Mathematics of Parking: Varying Parking Rate

TL;DR

This paper generalizes the classical parking problem by analyzing the saturation behavior when intervals are placed with an exponential distribution, deriving asymptotic limits and variance behavior as the rate parameter varies.

Contribution

It introduces a mathematical framework for the exponential parking problem, deriving integral equations and asymptotic results for saturation limits and variance.

Findings

Saturation number satisfies a specific integral equation.

Asymptotic limits for large and small rate parameters are characterized.

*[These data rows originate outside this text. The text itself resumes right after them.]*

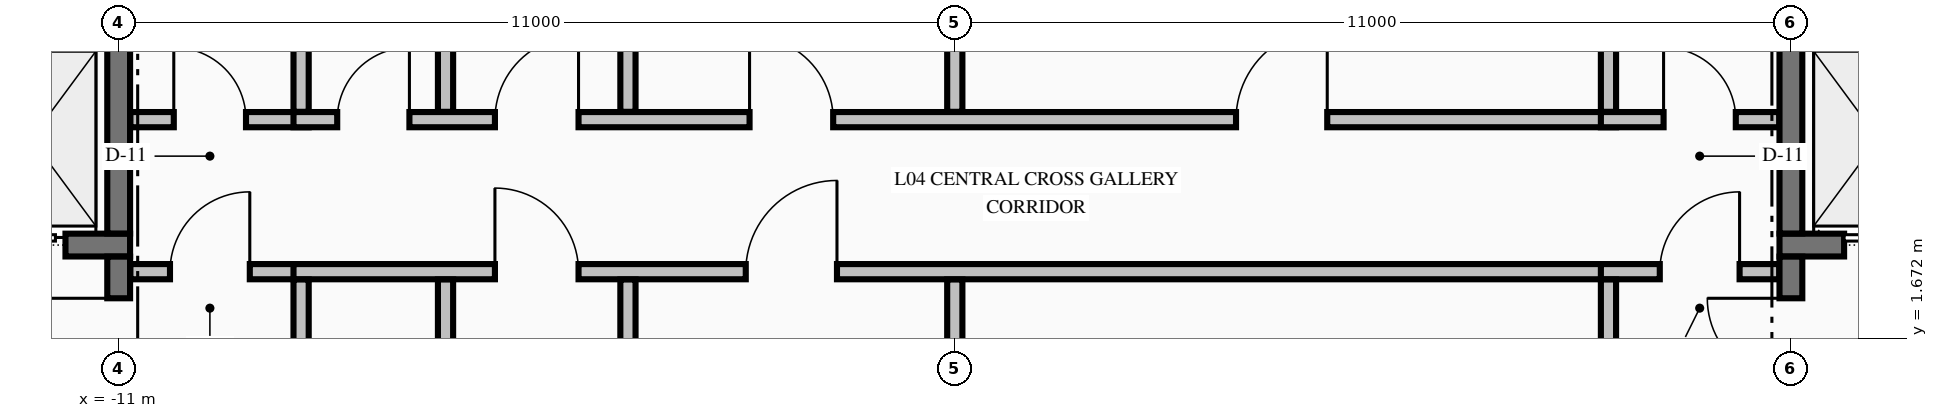
"""IFC4 building model, lengths in metres.
Left out: names, types, materials, properties, quantities, classifications, styles, units other than length and angle.
Written with IfcOpenShell. Run it as: python <this file> out.ifc"""

import sys

from ifc_helpers import new_model, si_unit, direction, frame, frame_2d, origin, place, context, subcontext, project, spatial, rectangle, extrude, element, fill, save


model = new_model("IFC4")
c1 = context("Model", 3, precision=1e-05, world=origin(), true_north=direction((0.0, 1.0)))
c2 = subcontext(c1, "Body", "Model", "MODEL_VIEW")
j1 = project(units=[si_unit("LENGTHUNIT", "METRE"), si_unit("PLANEANGLEUNIT", "RADIAN")], contexts=[c1])
p1 = place(None, origin())
s1 = spatial("IfcSite", under=j1, at=p1, CompositionType="ELEMENT")
p2 = place(p1, origin())
s2 = spatial("IfcBuilding", under=s1, at=p2, CompositionType="ELEMENT")
p3 = place(p2, frame((0.0, 0.0, 21.76)))
s3 = spatial("IfcBuildingStorey", under=s2, at=p3, CompositionType="ELEMENT", Elevation=21.76)
p4 = place(p3, frame((-14.875, 2.9, 0.0), z_axis=(0.0, 0.0, 1.0), x_axis=(1.0, 0.0, 0.0)))
e1 = element("IfcWall", 1, at=p4, inside=s3, PredefinedType="SHEAR", context=c2, shape_type="SweptSolid", body=[
    extrude(rectangle(XDim=4.025, YDim=0.3, at=frame_2d((2.012, 0.0))), origin(), (0.0, 0.0, 1.0), 4.99),
])
p5 = place(p4, frame((2.075, 0.0, 0.0)))
e2 = element("IfcOpeningElement", 2, at=p5, cuts=e1, PredefinedType="OPENING", context=c2, shape_type="SweptSolid", body=[
    extrude(rectangle(XDim=1.1, YDim=2.2, at=frame_2d((0.55, 1.1))), frame((0.0, 0.16, 0.0), z_axis=(0.0, -1.0, 0.0), x_axis=(1.0, 0.0, 0.0)), (0.0, 0.0, 1.0), 0.32),
])
p6 = place(p3, frame((10.85, 2.9, 0.0), z_axis=(0.0, 0.0, 1.0), x_axis=(1.0, 0.0, 0.0)))
e3 = element("IfcWall", 3, at=p6, inside=s3, PredefinedType="SHEAR", context=c2, shape_type="SweptSolid", body=[
    extrude(rectangle(XDim=4.025, YDim=0.3, at=frame_2d((2.012, 0.0))), origin(), (0.0, 0.0, 1.0), 4.99),
])
p7 = place(p6, frame((0.85, 0.0, 0.0)))
e4 = element("IfcOpeningElement", 4, at=p7, cuts=e3, PredefinedType="OPENING", context=c2, shape_type="SweptSolid", body=[
    extrude(rectangle(XDim=1.1, YDim=2.2, at=frame_2d((0.55, 1.1))), frame((0.0, 0.16, 0.0), z_axis=(0.0, -1.0, 0.0), x_axis=(1.0, 0.0, 0.0)), (0.0, 0.0, 1.0), 0.32),
])
p8 = place(p3, frame((-10.847, 2.55, 0.0), z_axis=(0.0, 0.0, 1.0), x_axis=(1.0, 0.0, 0.0)))
e5 = element("IfcWall", 5, at=p8, inside=s3, PredefinedType="PARTITIONING", context=c2, shape_type="SweptSolid", body=[
    extrude(rectangle(XDim=2.347, YDim=0.2, at=frame_2d((1.173, 0.0))), origin(), (0.0, 0.0, 1.0), 4.99),
])
p9 = place(p8, frame((0.522, 0.0, 0.0)))
e6 = element("IfcOpeningElement", 6, at=p9, cuts=e5, PredefinedType="OPENING", context=c2, shape_type="SweptSolid", body=[
    extrude(rectangle(XDim=1.05, YDim=2.15, at=frame_2d((0.525, 1.075))), frame((0.0, 0.11, 0.0), z_axis=(0.0, -1.0, 0.0), x_axis=(1.0, 0.0, 0.0)), (0.0, 0.0, 1.0), 0.22),
])
p10 = place(p3, frame((-8.7, 2.55, 0.0), z_axis=(0.0, 0.0, 1.0), x_axis=(1.0, 0.0, 0.0)))
e7 = element("IfcWall", 7, at=p10, inside=s3, PredefinedType="PARTITIONING", context=c2, shape_type="SweptSolid", body=[
    extrude(rectangle(XDim=17.4, YDim=0.2, at=frame_2d((8.7, 0.0))), origin(), (0.0, 0.0, 1.0), 4.99),
])
p11 = place(p10, frame((2.65, 0.0, 0.0)))
e8 = element("IfcOpeningElement", 8, at=p11, cuts=e7, PredefinedType="OPENING", context=c2, shape_type="SweptSolid", body=[
    extrude(rectangle(XDim=1.1, YDim=2.15, at=frame_2d((0.55, 1.075))), frame((0.0, 0.11, 0.0), z_axis=(0.0, -1.0, 0.0), x_axis=(1.0, 0.0, 0.0)), (0.0, 0.0, 1.0), 0.22),
])
p12 = place(p10, frame((5.95, 0.0, 0.0)))
e9 = element("IfcOpeningElement", 9, at=p12, cuts=e7, PredefinedType="OPENING", context=c2, shape_type="SweptSolid", body=[
    extrude(rectangle(XDim=1.2, YDim=2.15, at=frame_2d((0.6, 1.075))), frame((0.0, 0.11, 0.0), z_axis=(0.0, -1.0, 0.0), x_axis=(1.0, 0.0, 0.0)), (0.0, 0.0, 1.0), 0.22),
])
p13 = place(p3, frame((8.5, 2.55, 0.0), z_axis=(0.0, 0.0, 1.0), x_axis=(1.0, 0.0, 0.0)))
e10 = element("IfcWall", 10, at=p13, inside=s3, PredefinedType="PARTITIONING", context=c2, shape_type="SweptSolid", body=[
    extrude(rectangle(XDim=2.347, YDim=0.2, at=frame_2d((1.173, 0.0))), origin(), (0.0, 0.0, 1.0), 4.99),
])
p14 = place(p13, frame((0.775, 0.0, 0.0)))
e11 = element("IfcOpeningElement", 11, at=p14, cuts=e10, PredefinedType="OPENING", context=c2, shape_type="SweptSolid", body=[
    extrude(rectangle(XDim=1.05, YDim=2.15, at=frame_2d((0.525, 1.075))), frame((0.0, 0.11, 0.0), z_axis=(0.0, -1.0, 0.0), x_axis=(1.0, 0.0, 0.0)), (0.0, 0.0, 1.0), 0.22),
])
p15 = place(p3, frame((-10.847, 4.55, 0.0), z_axis=(0.0, 0.0, 1.0), x_axis=(1.0, 0.0, 0.0)))
e12 = element("IfcWall", 12, at=p15, inside=s3, PredefinedType="PARTITIONING", context=c2, shape_type="SweptSolid", body=[
    extrude(rectangle(XDim=2.347, YDim=0.2, at=frame_2d((1.173, 0.0))), origin(), (0.0, 0.0, 1.0), 4.99),
])
p16 = place(p15, frame((0.572, 0.0, 0.0)))
e13 = element("IfcOpeningElement", 13, at=p16, cuts=e12, PredefinedType="OPENING", context=c2, shape_type="SweptSolid", body=[
    extrude(rectangle(XDim=0.95, YDim=2.15, at=frame_2d((0.475, 1.075))), frame((0.0, 0.11, 0.0), z_axis=(0.0, -1.0, 0.0), x_axis=(1.0, 0.0, 0.0)), (0.0, 0.0, 1.0), 0.22),
])
p17 = place(p3, frame((-8.7, 4.55, 0.0), z_axis=(0.0, 0.0, 1.0), x_axis=(1.0, 0.0, 0.0)))
e14 = element("IfcWall", 14, at=p17, inside=s3, PredefinedType="PARTITIONING", context=c2, shape_type="SweptSolid", body=[
    extrude(rectangle(XDim=17.4, YDim=0.2, at=frame_2d((8.7, 0.0))), origin(), (0.0, 0.0, 1.0), 4.99),
])
p18 = place(p17, frame((2.65, 0.0, 0.0)))
e15 = element("IfcOpeningElement", 15, at=p18, cuts=e14, PredefinedType="OPENING", context=c2, shape_type="SweptSolid", body=[
    extrude(rectangle(XDim=1.1, YDim=2.15, at=frame_2d((0.55, 1.075))), frame((0.0, 0.11, 0.0), z_axis=(0.0, -1.0, 0.0), x_axis=(1.0, 0.0, 0.0)), (0.0, 0.0, 1.0), 0.22),
])
p19 = place(p17, frame((0.575, 0.0, 0.0)))
e16 = element("IfcOpeningElement", 16, at=p19, cuts=e14, PredefinedType="OPENING", context=c2, shape_type="SweptSolid", body=[
    extrude(rectangle(XDim=0.95, YDim=2.15, at=frame_2d((0.475, 1.075))), frame((0.0, 0.11, 0.0), z_axis=(0.0, -1.0, 0.0), x_axis=(1.0, 0.0, 0.0)), (0.0, 0.0, 1.0), 0.22),
])
p20 = place(p17, frame((6.0, 0.0, 0.0)))
e17 = element("IfcOpeningElement", 17, at=p20, cuts=e14, PredefinedType="OPENING", context=c2, shape_type="SweptSolid", body=[
    extrude(rectangle(XDim=1.1, YDim=2.15, at=frame_2d((0.55, 1.075))), frame((0.0, 0.11, 0.0), z_axis=(0.0, -1.0, 0.0), x_axis=(1.0, 0.0, 0.0)), (0.0, 0.0, 1.0), 0.22),
])
p21 = place(p17, frame((12.4, 0.0, 0.0)))
e18 = element("IfcOpeningElement", 18, at=p21, cuts=e14, PredefinedType="OPENING", context=c2, shape_type="SweptSolid", body=[
    extrude(rectangle(XDim=1.2, YDim=2.15, at=frame_2d((0.6, 1.075))), frame((0.0, 0.11, 0.0), z_axis=(0.0, -1.0, 0.0), x_axis=(1.0, 0.0, 0.0)), (0.0, 0.0, 1.0), 0.22),
])
p22 = place(p3, frame((8.5, 4.55, 0.0), z_axis=(0.0, 0.0, 1.0), x_axis=(1.0, 0.0, 0.0)))
e19 = element("IfcWall", 19, at=p22, inside=s3, PredefinedType="PARTITIONING", context=c2, shape_type="SweptSolid", body=[
    extrude(rectangle(XDim=2.347, YDim=0.2, at=frame_2d((1.173, 0.0))), origin(), (0.0, 0.0, 1.0), 4.99),
])
p23 = place(p22, frame((0.825, 0.0, 0.0)))
e20 = element("IfcOpeningElement", 20, at=p23, cuts=e19, PredefinedType="OPENING", context=c2, shape_type="SweptSolid", body=[
    extrude(rectangle(XDim=0.95, YDim=2.15, at=frame_2d((0.475, 1.075))), frame((0.0, 0.11, 0.0), z_axis=(0.0, -1.0, 0.0), x_axis=(1.0, 0.0, 0.0)), (0.0, 0.0, 1.0), 0.22),
])
p24 = place(p3, frame((-11.0, 0.804, 0.0), z_axis=(0.0, 0.0, 1.0), x_axis=(0.0, 1.0, 0.0)))
e21 = element("IfcWall", 21, at=p24, inside=s3, PredefinedType="SHEAR", context=c2, shape_type="SweptSolid", body=[
    extrude(rectangle(XDim=1.944, YDim=0.3, at=frame_2d((0.972, 0.0))), origin(), (0.0, 0.0, 1.0), 4.99),
])
p25 = place(p24, frame((0.296, 0.0, 0.0)))
e22 = element("IfcOpeningElement", 22, at=p25, cuts=e21, PredefinedType="OPENING", context=c2, shape_type="SweptSolid", body=[
    extrude(rectangle(XDim=1.1, YDim=2.15, at=frame_2d((0.55, 1.075))), frame((0.0, 0.16, 0.0), z_axis=(0.0, -1.0, 0.0), x_axis=(1.0, 0.0, 0.0)), (0.0, 0.0, 1.0), 0.32),
])
p26 = place(p3, frame((-11.0, 3.052, 0.0), z_axis=(0.0, 0.0, 1.0), x_axis=(0.0, 1.0, 0.0)))
e23 = element("IfcWall", 23, at=p26, inside=s3, PredefinedType="SHEAR", context=c2, shape_type="SweptSolid", body=[
    extrude(rectangle(XDim=2.496, YDim=0.3, at=frame_2d((1.248, 0.0))), origin(), (0.0, 0.0, 1.0), 4.99),
])
p27 = place(p3, frame((11.0, 0.804, 0.0), z_axis=(0.0, 0.0, 1.0), x_axis=(0.0, 1.0, 0.0)))
e24 = element("IfcWall", 24, at=p27, inside=s3, PredefinedType="SHEAR", context=c2, shape_type="SweptSolid", body=[
    extrude(rectangle(XDim=1.944, YDim=0.3, at=frame_2d((0.972, 0.0))), origin(), (0.0, 0.0, 1.0), 4.99),
])
p28 = place(p27, frame((0.296, 0.0, 0.0)))
e25 = element("IfcOpeningElement", 25, at=p28, cuts=e24, PredefinedType="OPENING", context=c2, shape_type="SweptSolid", body=[
    extrude(rectangle(XDim=1.1, YDim=2.15, at=frame_2d((0.55, 1.075))), frame((0.0, 0.16, 0.0), z_axis=(0.0, -1.0, 0.0), x_axis=(1.0, 0.0, 0.0)), (0.0, 0.0, 1.0), 0.32),
])
p29 = place(p3, frame((11.0, 3.052, 0.0), z_axis=(0.0, 0.0, 1.0), x_axis=(0.0, 1.0, 0.0)))
e26 = element("IfcWall", 26, at=p29, inside=s3, PredefinedType="SHEAR", context=c2, shape_type="SweptSolid", body=[
    extrude(rectangle(XDim=2.496, YDim=0.3, at=frame_2d((1.248, 0.0))), origin(), (0.0, 0.0, 1.0), 4.99),
])
p30 = place(p3, frame((-8.6, -8.247, 0.0), z_axis=(0.0, 0.0, 1.0), x_axis=(0.0, 1.0, 0.0)))
e27 = element("IfcWall", 27, at=p30, inside=s3, PredefinedType="PARTITIONING", context=c2, shape_type="SweptSolid", body=[
    extrude(rectangle(XDim=10.694, YDim=0.2, at=frame_2d((5.347, 0.0))), origin(), (0.0, 0.0, 1.0), 4.99),
])
p31 = place(p30, frame((4.772, 0.0, 0.0)))
e28 = element("IfcOpeningElement", 28, at=p31, cuts=e27, PredefinedType="OPENING", context=c2, shape_type="SweptSolid", body=[
    extrude(rectangle(XDim=0.95, YDim=2.15, at=frame_2d((0.475, 1.075))), frame((0.0, 0.11, 0.0), z_axis=(0.0, -1.0, 0.0), x_axis=(1.0, 0.0, 0.0)), (0.0, 0.0, 1.0), 0.22),
])
p32 = place(p3, frame((-8.6, 4.653, 0.0), z_axis=(0.0, 0.0, 1.0), x_axis=(0.0, 1.0, 0.0)))
e29 = element("IfcWall", 29, at=p32, inside=s3, PredefinedType="PARTITIONING", context=c2, shape_type="SweptSolid", body=[
    extrude(rectangle(XDim=3.594, YDim=0.2, at=frame_2d((1.797, 0.0))), origin(), (0.0, 0.0, 1.0), 4.99),
])
p33 = place(p3, frame((-6.7, -8.247, 0.0), z_axis=(0.0, 0.0, 1.0), x_axis=(0.0, 1.0, 0.0)))
e30 = element("IfcWall", 30, at=p33, inside=s3, PredefinedType="PARTITIONING", context=c2, shape_type="SweptSolid", body=[
    extrude(rectangle(XDim=10.694, YDim=0.2, at=frame_2d((5.347, 0.0))), origin(), (0.0, 0.0, 1.0), 4.99),
])
p34 = place(p3, frame((-6.7, 4.653, 0.0), z_axis=(0.0, 0.0, 1.0), x_axis=(0.0, 1.0, 0.0)))
e31 = element("IfcWall", 31, at=p34, inside=s3, PredefinedType="PARTITIONING", context=c2, shape_type="SweptSolid", body=[
    extrude(rectangle(XDim=3.594, YDim=0.2, at=frame_2d((1.797, 0.0))), origin(), (0.0, 0.0, 1.0), 4.99),
])
p35 = place(p3, frame((-4.3, -8.247, 0.0), z_axis=(0.0, 0.0, 1.0), x_axis=(0.0, 1.0, 0.0)))
e32 = element("IfcWall", 32, at=p35, inside=s3, PredefinedType="PARTITIONING", context=c2, shape_type="SweptSolid", body=[
    extrude(rectangle(XDim=10.694, YDim=0.2, at=frame_2d((5.347, 0.0))), origin(), (0.0, 0.0, 1.0), 4.99),
])
p36 = place(p3, frame((-4.3, 4.653, 0.0), z_axis=(0.0, 0.0, 1.0), x_axis=(0.0, 1.0, 0.0)))
e33 = element("IfcWall", 33, at=p36, inside=s3, PredefinedType="PARTITIONING", context=c2, shape_type="SweptSolid", body=[
    extrude(rectangle(XDim=3.594, YDim=0.2, at=frame_2d((1.797, 0.0))), origin(), (0.0, 0.0, 1.0), 4.99),
])
p37 = place(p3, frame((0.0, 0.706, 0.0), z_axis=(0.0, 0.0, 1.0), x_axis=(0.0, 1.0, 0.0)))
e34 = element("IfcWall", 34, at=p37, inside=s3, PredefinedType="PARTITIONING", context=c2, shape_type="SweptSolid", body=[
    extrude(rectangle(XDim=1.741, YDim=0.2, at=frame_2d((0.871, 0.0))), origin(), (0.0, 0.0, 1.0), 3.332),
])
p38 = place(p3, frame((0.0, 4.653, 0.0), z_axis=(0.0, 0.0, 1.0), x_axis=(0.0, 1.0, 0.0)))
e35 = element("IfcWall", 35, at=p38, inside=s3, PredefinedType="PARTITIONING", context=c2, shape_type="SweptSolid", body=[
    extrude(rectangle(XDim=3.594, YDim=0.2, at=frame_2d((1.797, 0.0))), origin(), (0.0, 0.0, 1.0), 3.332),
])
p39 = place(p3, frame((8.6, -8.247, 0.0), z_axis=(0.0, 0.0, 1.0), x_axis=(0.0, 1.0, 0.0)))
e36 = element("IfcWall", 36, at=p39, inside=s3, PredefinedType="PARTITIONING", context=c2, shape_type="SweptSolid", body=[
    extrude(rectangle(XDim=10.694, YDim=0.2, at=frame_2d((5.347, 0.0))), origin(), (0.0, 0.0, 1.0), 4.99),
])
p40 = place(p39, frame((4.547, 0.0, 0.0)))
e37 = element("IfcOpeningElement", 37, at=p40, cuts=e36, PredefinedType="OPENING", context=c2, shape_type="SweptSolid", body=[
    extrude(rectangle(XDim=1.4, YDim=2.2, at=frame_2d((0.7, 1.1))), frame((0.0, 0.11, 0.0), z_axis=(0.0, -1.0, 0.0), x_axis=(1.0, 0.0, 0.0)), (0.0, 0.0, 1.0), 0.22),
])
p41 = place(p3, frame((8.6, 4.653, 0.0), z_axis=(0.0, 0.0, 1.0), x_axis=(0.0, 1.0, 0.0)))
e38 = element("IfcWall", 38, at=p41, inside=s3, PredefinedType="PARTITIONING", context=c2, shape_type="SweptSolid", body=[
    extrude(rectangle(XDim=3.594, YDim=0.2, at=frame_2d((1.797, 0.0))), origin(), (0.0, 0.0, 1.0), 4.99),
])
p42 = place(p25, origin())
e39 = element("IfcDoor", 39, at=p42, inside=s3, OperationType="SINGLE_SWING_RIGHT", PredefinedType="DOOR", context=c2, shape_type="SweptSolid", body=[
    extrude(rectangle(XDim=1.1, YDim=2.15, at=frame_2d((0.55, 1.075))), frame((0.0, 0.025, 0.0), z_axis=(0.0, -1.0, 0.0), x_axis=(1.0, 0.0, 0.0)), (0.0, 0.0, 1.0), 0.05),
])
fill(e22, e39)
p43 = place(p5, origin())
e40 = element("IfcDoor", 40, at=p43, inside=s3, OperationType="SLIDING_TO_LEFT", PredefinedType="DOOR", context=c2, shape_type="SweptSolid", body=[
    extrude(rectangle(XDim=1.1, YDim=2.2, at=frame_2d((0.55, 1.1))), frame((0.0, 0.025, 0.0), z_axis=(0.0, -1.0, 0.0), x_axis=(1.0, 0.0, 0.0)), (0.0, 0.0, 1.0), 0.05),
])
fill(e2, e40)
p44 = place(p28, origin())
e41 = element("IfcDoor", 41, at=p44, inside=s3, OperationType="SINGLE_SWING_RIGHT", PredefinedType="DOOR", context=c2, shape_type="SweptSolid", body=[
    extrude(rectangle(XDim=1.1, YDim=2.15, at=frame_2d((0.55, 1.075))), frame((0.0, 0.025, 0.0), z_axis=(0.0, -1.0, 0.0), x_axis=(1.0, 0.0, 0.0)), (0.0, 0.0, 1.0), 0.05),
])
fill(e25, e41)
p45 = place(p7, origin())
e42 = element("IfcDoor", 42, at=p45, inside=s3, OperationType="SLIDING_TO_RIGHT", PredefinedType="DOOR", context=c2, shape_type="SweptSolid", body=[
    extrude(rectangle(XDim=1.1, YDim=2.2, at=frame_2d((0.55, 1.1))), frame((0.0, 0.025, 0.0), z_axis=(0.0, -1.0, 0.0), x_axis=(1.0, 0.0, 0.0)), (0.0, 0.0, 1.0), 0.05),
])
fill(e4, e42)
p46 = place(p9, origin())
e43 = element("IfcDoor", 43, at=p46, inside=s3, OperationType="SINGLE_SWING_RIGHT", PredefinedType="DOOR", context=c2, shape_type="SweptSolid", body=[
    extrude(rectangle(XDim=1.05, YDim=2.15, at=frame_2d((0.525, 1.075))), frame((0.0, 0.025, 0.0), z_axis=(0.0, -1.0, 0.0), x_axis=(1.0, 0.0, 0.0)), (0.0, 0.0, 1.0), 0.05),
])
fill(e6, e43)
p47 = place(p16, origin())
e44 = element("IfcDoor", 44, at=p47, inside=s3, OperationType="SINGLE_SWING_LEFT", PredefinedType="DOOR", context=c2, shape_type="SweptSolid", body=[
    extrude(rectangle(XDim=0.95, YDim=2.15, at=frame_2d((0.475, 1.075))), frame((0.0, 0.025, 0.0), z_axis=(0.0, -1.0, 0.0), x_axis=(1.0, 0.0, 0.0)), (0.0, 0.0, 1.0), 0.05),
])
fill(e13, e44)
p48 = place(p14, origin())
e45 = element("IfcDoor", 45, at=p48, inside=s3, OperationType="SINGLE_SWING_RIGHT", PredefinedType="DOOR", context=c2, shape_type="SweptSolid", body=[
    extrude(rectangle(XDim=1.05, YDim=2.15, at=frame_2d((0.525, 1.075))), frame((0.0, 0.025, 0.0), z_axis=(0.0, -1.0, 0.0), x_axis=(1.0, 0.0, 0.0)), (0.0, 0.0, 1.0), 0.05),
])
fill(e11, e45)
p49 = place(p23, origin())
e46 = element("IfcDoor", 46, at=p49, inside=s3, OperationType="SINGLE_SWING_LEFT", PredefinedType="DOOR", context=c2, shape_type="SweptSolid", body=[
    extrude(rectangle(XDim=0.95, YDim=2.15, at=frame_2d((0.475, 1.075))), frame((0.0, 0.025, 0.0), z_axis=(0.0, -1.0, 0.0), x_axis=(1.0, 0.0, 0.0)), (0.0, 0.0, 1.0), 0.05),
])
fill(e20, e46)
p50 = place(p11, origin())
e47 = element("IfcDoor", 47, at=p50, inside=s3, OperationType="SINGLE_SWING_LEFT", PredefinedType="DOOR", context=c2, shape_type="SweptSolid", body=[
    extrude(rectangle(XDim=1.1, YDim=2.15, at=frame_2d((0.55, 1.075))), frame((0.0, 0.025, 0.0), z_axis=(0.0, -1.0, 0.0), x_axis=(1.0, 0.0, 0.0)), (0.0, 0.0, 1.0), 0.05),
])
fill(e8, e47)
p51 = place(p18, origin())
e48 = element("IfcDoor", 48, at=p51, inside=s3, OperationType="SINGLE_SWING_RIGHT", PredefinedType="DOOR", context=c2, shape_type="SweptSolid", body=[
    extrude(rectangle(XDim=1.1, YDim=2.15, at=frame_2d((0.55, 1.075))), frame((0.0, 0.025, 0.0), z_axis=(0.0, -1.0, 0.0), x_axis=(1.0, 0.0, 0.0)), (0.0, 0.0, 1.0), 0.05),
])
fill(e15, e48)
p52 = place(p12, origin())
e49 = element("IfcDoor", 49, at=p52, inside=s3, OperationType="SINGLE_SWING_RIGHT", PredefinedType="DOOR", context=c2, shape_type="SweptSolid", body=[
    extrude(rectangle(XDim=1.2, YDim=2.15, at=frame_2d((0.6, 1.075))), frame((0.0, 0.025, 0.0), z_axis=(0.0, -1.0, 0.0), x_axis=(1.0, 0.0, 0.0)), (0.0, 0.0, 1.0), 0.05),
])
fill(e9, e49)
p53 = place(p19, origin())
e50 = element("IfcDoor", 50, at=p53, inside=s3, OperationType="SINGLE_SWING_RIGHT", PredefinedType="DOOR", context=c2, shape_type="SweptSolid", body=[
    extrude(rectangle(XDim=0.95, YDim=2.15, at=frame_2d((0.475, 1.075))), frame((0.0, 0.025, 0.0), z_axis=(0.0, -1.0, 0.0), x_axis=(1.0, 0.0, 0.0)), (0.0, 0.0, 1.0), 0.05),
])
fill(e16, e50)
p54 = place(p20, origin())
e51 = element("IfcDoor", 51, at=p54, inside=s3, OperationType="SINGLE_SWING_LEFT", PredefinedType="DOOR", context=c2, shape_type="SweptSolid", body=[
    extrude(rectangle(XDim=1.1, YDim=2.15, at=frame_2d((0.55, 1.075))), frame((0.0, 0.025, 0.0), z_axis=(0.0, -1.0, 0.0), x_axis=(1.0, 0.0, 0.0)), (0.0, 0.0, 1.0), 0.05),
])
fill(e17, e51)
p55 = place(p21, origin())
e52 = element("IfcDoor", 52, at=p55, inside=s3, OperationType="SINGLE_SWING_RIGHT", PredefinedType="DOOR", context=c2, shape_type="SweptSolid", body=[
    extrude(rectangle(XDim=1.2, YDim=2.15, at=frame_2d((0.6, 1.075))), frame((0.0, 0.025, 0.0), z_axis=(0.0, -1.0, 0.0), x_axis=(1.0, 0.0, 0.0)), (0.0, 0.0, 1.0), 0.05),
])
fill(e18, e52)
save(model, sys.argv[1])

Variance of intervals at saturation is analyzed asymptotically.

Abstract

In the classical parking problem, unit intervals ("car lengths") are placed uniformly at random without overlapping. The process terminates at saturation, i.e. until no more unit intervals can be stowed. In this paper, we present a generalization of this problem in which the unit intervals are placed with an exponential distribution with rate parameter $\lambda$. We show that the mathematical expectation of the number of intervals present at saturation satisfies a certain integral equation. Using Laplace transforms and Tauberian theorems, we investigate the asymptotic behavior of this function and describe a way to compute the corresponding limits for large $\lambda$. Then, we derive another integral equation for the derivative of this function and use it to compute the above limits for small $\lambda$ with the help of some asymptotic results for integral equations. We also show that the corresponding limits converge to the uniform case as $\lambda$ vanishes, yielding the well-known Renyi constant. Finally, we reveal the asymptotic behavior of the variance of the intervals at saturation.